II. Aliás, lembremos nas palavras de Marcelo o seguinte: (i) “(…) é importante, numa democracia que celebra 50 anos que não acompanhemos a evolução de democracias mais antigas e mais velhas que é o de aumento da abstenção em eleições que são todas elas muito importantes”; (ii) “os portugueses vão votar e, naturalmente, ponderarão aquilo que é o significado do seu voto e os portugueses têm demonstrado desde o 25 de Abril uma maturidade e uma sabedoria antecipando em muitos casos aquilo que muitas vezes só se percebe no futuro…” (Marcelo R. de Sousa, 10 de Março para o 1º Jornal da SIC notícias). Discurso realista de Marcelo, mas vejamos até onde vai o “realismo” de Marcelo na prática democrática. Primeiro ponto, Marcelo, ao jogar a democracia para as mãos do Povo, força os eleitores, quase todos, a terem de decidir tudo nas últimas 24 horas… isto é, na boca das urnas sendo resultado disso muitos dos votos, inconscientes. As sondagens de muitos meios de comunicação social, da Universidade Católica portuguesa – politizadas (ou não) para influenciar as decisões dos eleitores flutuantes – apontavam para este cenário de incerteza político-eleitoral sobre em quem votar. O grande pretexto usado foi o de que não pode ser primeiro-ministro quem não foi a votos. Ora, a pergunta aqui é: se o “voto de Marcelo” vale tanto quanto à indispensável e necessária estabilidade parlamentar… talvez seja hora de rever a Constituição para permitir que, reconhecendo a legalidade da dissolução parlamentar, situação superveniente possa ser decidida por meio de um referendo e não apenas por uma decisão presidencial (presidencialismo pós-dissolução?).
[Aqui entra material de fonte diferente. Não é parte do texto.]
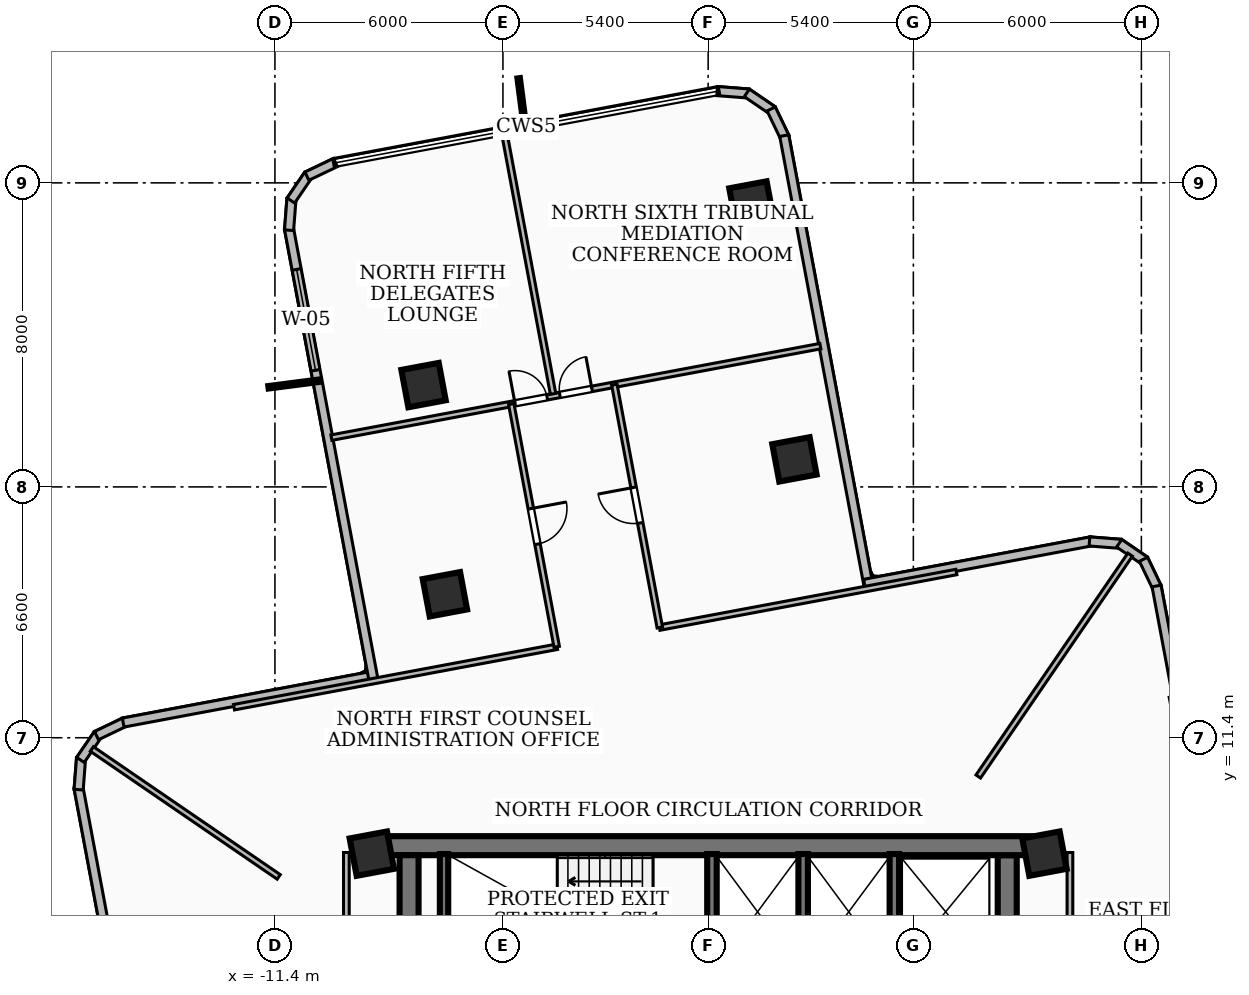
"""IFC4 building model, lengths in metres.
Left out: names, types, materials, properties, quantities, classifications, styles, units other than length and angle.
Written with IfcOpenShell. Run it as: python <this file> out.ifc"""

import sys

from ifc_helpers import new_model, si_unit, direction, frame, frame_2d, origin, origin_2d, place, context, subcontext, project, spatial, rectangle, extrude, element, fill, save


model = new_model("IFC4")
c1 = context("Model", 3, precision=1e-05, world=origin(), true_north=direction((0.0, 1.0)))
c2 = subcontext(c1, "Body", "Model", "MODEL_VIEW")
j1 = project(units=[si_unit("LENGTHUNIT", "METRE"), si_unit("PLANEANGLEUNIT", "RADIAN")], contexts=[c1])
p1 = place(None, origin())
s1 = spatial("IfcSite", under=j1, at=p1, CompositionType="ELEMENT")
p2 = place(p1, origin())
s2 = spatial("IfcBuilding", under=s1, at=p2, CompositionType="ELEMENT")
p3 = place(p2, frame((0.0, 0.0, 103.68)))
s3 = spatial("IfcBuildingStorey", under=s2, at=p3, CompositionType="ELEMENT", Elevation=103.68)
p4 = place(p3, frame((-8.78, 8.56, 0.0), z_axis=(0.0, 0.0, 1.0), x_axis=(1.0, 0.0, 0.0)))
e1 = element("IfcWall", 1, at=p4, inside=s3, PredefinedType="SHEAR", context=c2, shape_type="SweptSolid", body=[
    extrude(rectangle(XDim=17.56, YDim=0.5, at=frame_2d((8.78, 0.0))), origin(), (0.0, 0.0, 1.0), 3.2),
])
for number, where, z_axis, x_axis in (
    (2, (-7.87, 2.0, 0.0), (0.0, 0.0, 1.0), (0.0, 1.0, 0.0)),
    (3, (7.87, 8.31, 0.0), (0.0, 0.0, 1.0), (0.0, -1.0, 0.0)),
):
    element("IfcWall", number, at=place(p3, frame(where, z_axis=z_axis, x_axis=x_axis)), inside=s3, PredefinedType="SHEAR", context=c2, shape_type="SweptSolid", body=[
        extrude(rectangle(XDim=6.31, YDim=0.5, at=frame_2d((3.155, 0.0))), origin(), (0.0, 0.0, 1.0), 3.2),
    ])
p5 = place(p3, frame((-6.95, 5.28, 0.0), z_axis=(0.0, 0.0, 1.0), x_axis=(0.0, 1.0, 0.0)))
e4 = element("IfcWall", 4, at=p5, inside=s3, PredefinedType="SOLIDWALL", context=c2, shape_type="SweptSolid", body=[
    extrude(rectangle(XDim=3.06, YDim=0.22, at=frame_2d((1.53, 0.0))), origin(), (0.0, 0.0, 1.0), 3.2),
])
for number, where, z_axis, x_axis in (
    (5, (0.1, 5.3, 0.0), (0.0, 0.0, 1.0), (0.0, 1.0, 0.0)),
    (6, (2.5, 5.3, 0.0), (0.0, 0.0, 1.0), (0.0, 1.0, 0.0)),
    (7, (4.9, 5.3, 0.0), (0.0, 0.0, 1.0), (0.0, 1.0, 0.0)),
):
    element("IfcWall", number, at=place(p3, frame(where, z_axis=z_axis, x_axis=x_axis)), inside=s3, PredefinedType="SOLIDWALL", context=c2, shape_type="SweptSolid", body=[
        extrude(rectangle(XDim=3.04, YDim=0.25, at=frame_2d((1.52, 0.0))), origin(), (0.0, 0.0, 1.0), 3.2),
    ])
for number, where, z_axis, x_axis in (
    (8, (-8.85, 8.35, 0.0), (0.0, 0.0, 1.0), (0.983, 0.184, 0.0)),
    (9, (8.85, 8.35, 0.0), (0.0, 0.0, 1.0), (0.983, 0.184, 0.0)),
    (10, (2.271, 18.724, 0.0), (0.0, 0.0, 1.0), (0.983, 0.184, 0.0)),
    (11, (-6.927, 15.175, 0.0), (0.0, 0.0, 1.0), (0.983, 0.184, 0.0)),
    (12, (1.139, 25.457, 0.0), (0.0, 0.0, 1.0), (0.983, 0.184, 0.0)),
    (13, (-7.489, 20.679, 0.0), (0.0, 0.0, 1.0), (0.983, 0.184, 0.0)),
):
    element("IfcColumn", number, at=place(p3, frame(where, z_axis=z_axis, x_axis=x_axis)), inside=s3, PredefinedType="COLUMN", context=c2, shape_type="SweptSolid", body=[
        extrude(rectangle(XDim=1.0, YDim=1.0, at=origin_2d()), origin(), (0.0, 0.0, 1.0), 3.6),
    ])
p6 = place(p3, frame((-15.45, 4.113, 0.0), z_axis=(0.0, 0.0, 1.0), x_axis=(-0.18406771587, 0.982913564854, 0.0)))
e14 = element("IfcWall", 14, at=p6, inside=s3, PredefinedType="SOLIDWALL", context=c2, shape_type="SweptSolid", body=[
    extrude(rectangle(XDim=6.075, YDim=0.24, at=frame_2d((3.037, 0.0))), origin(), (0.0, 0.0, 1.0), 3.2),
])
p7 = place(p3, frame((-16.565, 10.034, 0.0), z_axis=(0.0, 0.0, 1.0), x_axis=(0.077011179273, 0.997030229365, 0.0)))
e15 = element("IfcWall", 15, at=p7, inside=s3, PredefinedType="SOLIDWALL", context=c2, shape_type="SweptSolid", body=[
    extrude(rectangle(XDim=0.831, YDim=0.24, at=frame_2d((0.415, 0.0))), origin(), (0.0, 0.0, 1.0), 3.2),
])
p8 = place(p3, frame((-16.517, 10.816, 0.0), z_axis=(0.0, 0.0, 1.0), x_axis=(0.563941688624, 0.825814611055, 0.0)))
e16 = element("IfcWall", 16, at=p8, inside=s3, PredefinedType="SOLIDWALL", context=c2, shape_type="SweptSolid", body=[
    extrude(rectangle(XDim=0.814, YDim=0.24, at=frame_2d((0.407, 0.0))), origin(), (0.0, 0.0, 1.0), 3.2),
])
p9 = place(p3, frame((-16.095, 11.456, 0.0), z_axis=(0.0, 0.0, 1.0), x_axis=(0.902044756706, 0.431642510533, 0.0)))
e17 = element("IfcWall", 17, at=p9, inside=s3, PredefinedType="SOLIDWALL", context=c2, shape_type="SweptSolid", body=[
    extrude(rectangle(XDim=0.832, YDim=0.24, at=frame_2d((0.416, 0.0))), origin(), (0.0, 0.0, 1.0), 3.2),
])
p10 = place(p3, frame((-15.393, 11.799, 0.0), z_axis=(0.0, 0.0, 1.0), x_axis=(0.982891759821, 0.184184115697, 0.0)))
e18 = element("IfcWall", 18, at=p10, inside=s3, PredefinedType="SOLIDWALL", context=c2, shape_type="SweptSolid", body=[
    extrude(rectangle(XDim=6.776, YDim=0.24, at=frame_2d((3.388, 0.0))), origin(), (0.0, 0.0, 1.0), 3.2),
])
p11 = place(p3, frame((-8.809, 12.935, 0.0), z_axis=(0.0, 0.0, 1.0), x_axis=(-0.184008977601, 0.982924562803, 0.0)))
e19 = element("IfcWall", 19, at=p11, inside=s3, PredefinedType="SOLIDWALL", context=c2, shape_type="SweptSolid", body=[
    extrude(rectangle(XDim=12.075, YDim=0.24, at=frame_2d((6.038, 0.0))), origin(), (0.0, 0.0, 1.0), 3.2),
])
p12 = place(p11, frame((8.275, 0.0, 0.85)))
e20 = element("IfcOpeningElement", 20, at=p12, cuts=e19, PredefinedType="OPENING", context=c2, shape_type="SweptSolid", body=[
    extrude(rectangle(XDim=2.7, YDim=1.85, at=frame_2d((1.35, 0.925))), frame((0.0, 0.13, 0.0), z_axis=(0.0, -1.0, 0.0), x_axis=(1.0, 0.0, 0.0)), (0.0, 0.0, 1.0), 0.26),
])
p13 = place(p3, frame((-11.028, 24.754, 0.0), z_axis=(0.0, 0.0, 1.0), x_axis=(0.077011179273, 0.997030229365, 0.0)))
e21 = element("IfcWall", 21, at=p13, inside=s3, PredefinedType="SOLIDWALL", context=c2, shape_type="SweptSolid", body=[
    extrude(rectangle(XDim=0.831, YDim=0.24, at=frame_2d((0.415, 0.0))), origin(), (0.0, 0.0, 1.0), 3.2),
])
p14 = place(p3, frame((-10.98, 25.536, 0.0), z_axis=(0.0, 0.0, 1.0), x_axis=(0.563941688624, 0.825814611055, 0.0)))
e22 = element("IfcWall", 22, at=p14, inside=s3, PredefinedType="SOLIDWALL", context=c2, shape_type="SweptSolid", body=[
    extrude(rectangle(XDim=0.814, YDim=0.24, at=frame_2d((0.407, 0.0))), origin(), (0.0, 0.0, 1.0), 3.2),
])
p15 = place(p3, frame((-10.558, 26.176, 0.0), z_axis=(0.0, 0.0, 1.0), x_axis=(0.902044756706, 0.431642510533, 0.0)))
e23 = element("IfcWall", 23, at=p15, inside=s3, PredefinedType="SOLIDWALL", context=c2, shape_type="SweptSolid", body=[
    extrude(rectangle(XDim=0.832, YDim=0.24, at=frame_2d((0.416, 0.0))), origin(), (0.0, 0.0, 1.0), 3.2),
])
p16 = place(p3, frame((0.237, 28.415, 0.0), z_axis=(0.0, 0.0, 1.0), x_axis=(0.997028485347, -0.077033754987, 0.0)))
e24 = element("IfcWall", 24, at=p16, inside=s3, PredefinedType="SOLIDWALL", context=c2, shape_type="SweptSolid", body=[
    extrude(rectangle(XDim=0.83, YDim=0.24, at=frame_2d((0.415, 0.0))), origin(), (0.0, 0.0, 1.0), 3.2),
])
p17 = place(p3, frame((1.019, 28.367, 0.0), z_axis=(0.0, 0.0, 1.0), x_axis=(0.825719176392, -0.564081414105, 0.0)))
e25 = element("IfcWall", 25, at=p17, inside=s3, PredefinedType="SOLIDWALL", context=c2, shape_type="SweptSolid", body=[
    extrude(rectangle(XDim=0.814, YDim=0.24, at=frame_2d((0.407, 0.0))), origin(), (0.0, 0.0, 1.0), 3.2),
])
p18 = place(p3, frame((1.659, 27.945, 0.0), z_axis=(0.0, 0.0, 1.0), x_axis=(0.431881390908, -0.901930409836, 0.0)))
e26 = element("IfcWall", 26, at=p18, inside=s3, PredefinedType="SOLIDWALL", context=c2, shape_type="SweptSolid", body=[
    extrude(rectangle(XDim=0.832, YDim=0.24, at=frame_2d((0.416, 0.0))), origin(), (0.0, 0.0, 1.0), 3.2),
])
p19 = place(p3, frame((2.002, 27.243, 0.0), z_axis=(0.0, 0.0, 1.0), x_axis=(0.184106644671, -0.982906273959, 0.0)))
e27 = element("IfcWall", 27, at=p19, inside=s3, PredefinedType="SOLIDWALL", context=c2, shape_type="SweptSolid", body=[
    extrude(rectangle(XDim=12.075, YDim=0.24, at=frame_2d((6.038, 0.0))), origin(), (0.0, 0.0, 1.0), 2.346),
])
p20 = place(p3, frame((4.113, 15.45, 0.0), z_axis=(0.0, 0.0, 1.0), x_axis=(0.982913564854, 0.18406771587, 0.0)))
e28 = element("IfcWall", 28, at=p20, inside=s3, PredefinedType="SOLIDWALL", context=c2, shape_type="SweptSolid", body=[
    extrude(rectangle(XDim=6.075, YDim=0.24, at=frame_2d((3.037, 0.0))), origin(), (0.0, 0.0, 1.0), 2.346),
])
p21 = place(p3, frame((10.034, 16.565, 0.0), z_axis=(0.0, 0.0, 1.0), x_axis=(0.997030229365, -0.077011179273, 0.0)))
e29 = element("IfcWall", 29, at=p21, inside=s3, PredefinedType="SOLIDWALL", context=c2, shape_type="SweptSolid", body=[
    extrude(rectangle(XDim=0.831, YDim=0.24, at=frame_2d((0.415, 0.0))), origin(), (0.0, 0.0, 1.0), 3.2),
])
p22 = place(p3, frame((10.816, 16.517, 0.0), z_axis=(0.0, 0.0, 1.0), x_axis=(0.825814611055, -0.563941688624, 0.0)))
e30 = element("IfcWall", 30, at=p22, inside=s3, PredefinedType="SOLIDWALL", context=c2, shape_type="SweptSolid", body=[
    extrude(rectangle(XDim=0.814, YDim=0.24, at=frame_2d((0.407, 0.0))), origin(), (0.0, 0.0, 1.0), 3.2),
])
p23 = place(p3, frame((11.456, 16.095, 0.0), z_axis=(0.0, 0.0, 1.0), x_axis=(0.431642510533, -0.902044756706, 0.0)))
e31 = element("IfcWall", 31, at=p23, inside=s3, PredefinedType="SOLIDWALL", context=c2, shape_type="SweptSolid", body=[
    extrude(rectangle(XDim=0.832, YDim=0.24, at=frame_2d((0.416, 0.0))), origin(), (0.0, 0.0, 1.0), 3.2),
])
p24 = place(p3, frame((11.799, 15.393, 0.0), z_axis=(0.0, 0.0, 1.0), x_axis=(0.184184115697, -0.982891759821, 0.0)))
e32 = element("IfcWall", 32, at=p24, inside=s3, PredefinedType="SOLIDWALL", context=c2, shape_type="SweptSolid", body=[
    extrude(rectangle(XDim=6.776, YDim=0.24, at=frame_2d((3.388, 0.0))), origin(), (0.0, 0.0, 1.0), 3.2),
])
for number, where, z_axis, x_axis in (
    (33, (-9.52, 1.75, 0.0), (0.0, 0.0, 1.0), (0.0, 1.0, 0.0)),
    (34, (9.52, 1.75, 0.0), (0.0, 0.0, 1.0), (0.0, 1.0, 0.0)),
):
    element("IfcWall", number, at=place(p3, frame(where, z_axis=z_axis, x_axis=x_axis)), inside=s3, PredefinedType="PARTITIONING", context=c2, shape_type="SweptSolid", body=[
        extrude(rectangle(XDim=6.63, YDim=0.15, at=frame_2d((3.315, 0.0))), origin(), (0.0, 0.0, 1.0), 2.346),
    ])
p25 = place(p3, frame((7.108, 10.38, 0.0), z_axis=(0.0, 0.0, 1.0), x_axis=(0.564900413187, 0.825159089619, 0.0)))
e35 = element("IfcWall", 35, at=p25, inside=s3, PredefinedType="PARTITIONING", context=c2, shape_type="SweptSolid", body=[
    extrude(rectangle(XDim=7.074, YDim=0.145, at=frame_2d((3.537, 0.0))), origin(), (0.0, 0.0, 1.0), 2.346),
])
p26 = place(p3, frame((-11.3, 7.738, 0.0), z_axis=(0.0, 0.0, 1.0), x_axis=(-0.825173577049, 0.564879250584, 0.0)))
e36 = element("IfcWall", 36, at=p26, inside=s3, PredefinedType="PARTITIONING", context=c2, shape_type="SweptSolid", body=[
    extrude(rectangle(XDim=5.959, YDim=0.145, at=frame_2d((2.979, 0.0))), origin(), (0.0, 0.0, 1.0), 3.2),
])
for number, where, z_axis, x_axis in (
    (37, (13.794, 3.975, 0.0), (0.0, 0.0, 1.0), (-0.184, 0.983, 0.0)),
    (38, (-3.975, 13.794, 0.0), (0.0, 0.0, 1.0), (-0.983, -0.184, 0.0)),
):
    element("IfcWall", number, at=place(p3, frame(where, z_axis=z_axis, x_axis=x_axis)), inside=s3, PredefinedType="PARTITIONING", context=c2, shape_type="SweptSolid", body=[
        extrude(rectangle(XDim=8.65, YDim=0.145, at=frame_2d((4.325, 0.0))), origin(), (0.0, 0.0, 1.0), 2.346),
    ])
p27 = place(p3, frame((6.532, 15.761, 0.0), z_axis=(0.0, 0.0, 1.0), x_axis=(-0.98292290903, -0.184017811376, 0.0)))
e39 = element("IfcWall", 39, at=p27, inside=s3, PredefinedType="PARTITIONING", context=c2, shape_type="SweptSolid", body=[
    extrude(rectangle(XDim=7.95, YDim=0.145, at=frame_2d((3.975, 0.0))), origin(), (0.0, 0.0, 1.0), 2.346),
])
p28 = place(p3, frame((-5.181, 20.181, 0.0), z_axis=(0.0, 0.0, 1.0), x_axis=(0.183973297475, -0.982931241652, 0.0)))
e40 = element("IfcWall", 40, at=p28, inside=s3, PredefinedType="PARTITIONING", context=c2, shape_type="SweptSolid", body=[
    extrude(rectangle(XDim=6.5, YDim=0.145, at=frame_2d((3.25, 0.0))), origin(), (0.0, 0.0, 1.0), 3.2),
])
p29 = place(p28, frame((2.8, 0.0, 0.0)))
e41 = element("IfcOpeningElement", 41, at=p29, cuts=e40, PredefinedType="OPENING", context=c2, shape_type="SweptSolid", body=[
    extrude(rectangle(XDim=0.95, YDim=2.08, at=frame_2d((0.475, 1.04))), frame((0.0, 0.083, 0.0), z_axis=(0.0, -1.0, 0.0), x_axis=(1.0, 0.0, 0.0)), (0.0, 0.0, 1.0), 0.165),
])
p30 = place(p3, frame((-1.272, 14.3, 0.0), z_axis=(0.0, 0.0, 1.0), x_axis=(-0.184009586708, 0.982924448775, 0.0)))
e42 = element("IfcWall", 42, at=p30, inside=s3, PredefinedType="PARTITIONING", context=c2, shape_type="SweptSolid", body=[
    extrude(rectangle(XDim=6.5, YDim=0.145, at=frame_2d((3.25, 0.0))), origin(), (0.0, 0.0, 1.0), 3.2),
])
p31 = place(p30, frame((2.8, 0.0, 0.0)))
e43 = element("IfcOpeningElement", 43, at=p31, cuts=e42, PredefinedType="OPENING", context=c2, shape_type="SweptSolid", body=[
    extrude(rectangle(XDim=0.95, YDim=2.08, at=frame_2d((0.475, 1.04))), frame((0.0, 0.083, 0.0), z_axis=(0.0, -1.0, 0.0), x_axis=(1.0, 0.0, 0.0)), (0.0, 0.0, 1.0), 0.165),
])
p32 = place(p3, frame((-4.081, 20.448, 0.0), z_axis=(0.0, 0.0, 1.0), x_axis=(-0.18384493789, 0.982955257787, 0.0)))
e44 = element("IfcWall", 44, at=p32, inside=s3, PredefinedType="PARTITIONING", context=c2, shape_type="SweptSolid", body=[
    extrude(rectangle(XDim=6.945, YDim=0.145, at=frame_2d((3.473, 0.0))), origin(), (0.0, 0.0, 1.0), 2.692),
])
p33 = place(p3, frame((-9.914, 19.296, 0.0), z_axis=(0.0, 0.0, 1.0), x_axis=(0.982932308489, 0.183967597498, 0.0)))
e45 = element("IfcWall", 45, at=p33, inside=s3, PredefinedType="PARTITIONING", context=c2, shape_type="SweptSolid", body=[
    extrude(rectangle(XDim=13.09, YDim=0.145, at=frame_2d((6.545, 0.0))), origin(), (0.0, 0.0, 1.0), 2.346),
])
p34 = place(p33, frame((6.115, 0.0, 0.0)))
e46 = element("IfcOpeningElement", 46, at=p34, cuts=e45, PredefinedType="OPENING", context=c2, shape_type="SweptSolid", body=[
    extrude(rectangle(XDim=0.86, YDim=2.04, at=frame_2d((0.43, 1.02))), frame((0.0, 0.083, 0.0), z_axis=(0.0, -1.0, 0.0), x_axis=(1.0, 0.0, 0.0)), (0.0, 0.0, 1.0), 0.165),
])
p35 = place(p33, frame((4.915, 0.0, 0.0)))
e47 = element("IfcOpeningElement", 47, at=p35, cuts=e45, PredefinedType="OPENING", context=c2, shape_type="SweptSolid", body=[
    extrude(rectangle(XDim=0.86, YDim=2.04, at=frame_2d((0.43, 1.02))), frame((0.0, 0.083, 0.0), z_axis=(0.0, -1.0, 0.0), x_axis=(1.0, 0.0, 0.0)), (0.0, 0.0, 1.0), 0.165),
])
p36 = place(p12, origin())
e48 = element("IfcWindow", 48, at=p36, inside=s3, PartitioningType="SINGLE_PANEL", PredefinedType="WINDOW", context=c2, shape_type="SweptSolid", body=[
    extrude(rectangle(XDim=2.7, YDim=1.85, at=frame_2d((1.35, 0.925))), frame((0.0, 0.03, 0.0), z_axis=(0.0, -1.0, 0.0), x_axis=(1.0, 0.0, 0.0)), (0.0, 0.0, 1.0), 0.06),
])
fill(e20, e48)
p37 = place(p29, origin())
e49 = element("IfcDoor", 49, at=p37, inside=s3, OperationType="SINGLE_SWING_LEFT", PredefinedType="DOOR", context=c2, shape_type="SweptSolid", body=[
    extrude(rectangle(XDim=0.95, YDim=2.08, at=frame_2d((0.475, 1.04))), frame((0.0, 0.025, 0.0), z_axis=(0.0, -1.0, 0.0), x_axis=(1.0, 0.0, 0.0)), (0.0, 0.0, 1.0), 0.05),
])
fill(e41, e49)
p38 = place(p31, origin())
e50 = element("IfcDoor", 50, at=p38, inside=s3, OperationType="SINGLE_SWING_RIGHT", PredefinedType="DOOR", context=c2, shape_type="SweptSolid", body=[
    extrude(rectangle(XDim=0.95, YDim=2.08, at=frame_2d((0.475, 1.04))), frame((0.0, 0.025, 0.0), z_axis=(0.0, -1.0, 0.0), x_axis=(1.0, 0.0, 0.0)), (0.0, 0.0, 1.0), 0.05),
])
fill(e43, e50)
p39 = place(p34, origin())
e51 = element("IfcDoor", 51, at=p39, inside=s3, OperationType="SINGLE_SWING_RIGHT", PredefinedType="DOOR", context=c2, shape_type="SweptSolid", body=[
    extrude(rectangle(XDim=0.86, YDim=2.04, at=frame_2d((0.43, 1.02))), frame((0.0, 0.025, 0.0), z_axis=(0.0, -1.0, 0.0), x_axis=(1.0, 0.0, 0.0)), (0.0, 0.0, 1.0), 0.05),
])
fill(e46, e51)
p40 = place(p35, origin())
e52 = element("IfcDoor", 52, at=p40, inside=s3, OperationType="SINGLE_SWING_LEFT", PredefinedType="DOOR", context=c2, shape_type="SweptSolid", body=[
    extrude(rectangle(XDim=0.86, YDim=2.04, at=frame_2d((0.43, 1.02))), frame((0.0, 0.025, 0.0), z_axis=(0.0, -1.0, 0.0), x_axis=(1.0, 0.0, 0.0)), (0.0, 0.0, 1.0), 0.05),
])
fill(e47, e52)
save(model, sys.argv[1])

E, olhem que mau Professor Catedrático… sempre atrasado… vem dizer sobre a importância do 25 de Abril nas vésperas das eleições, sobre os cuidados a ter com a implantação de uma “sociedade de radicais”, tudo isso para disfarçar ainda mais os seus intentos palacianos… numa altura em que já tinha “permitido” que o fascismo e o nazismo se instalassem na democracia portuguesa pluralista de Luís Vaz de Camões.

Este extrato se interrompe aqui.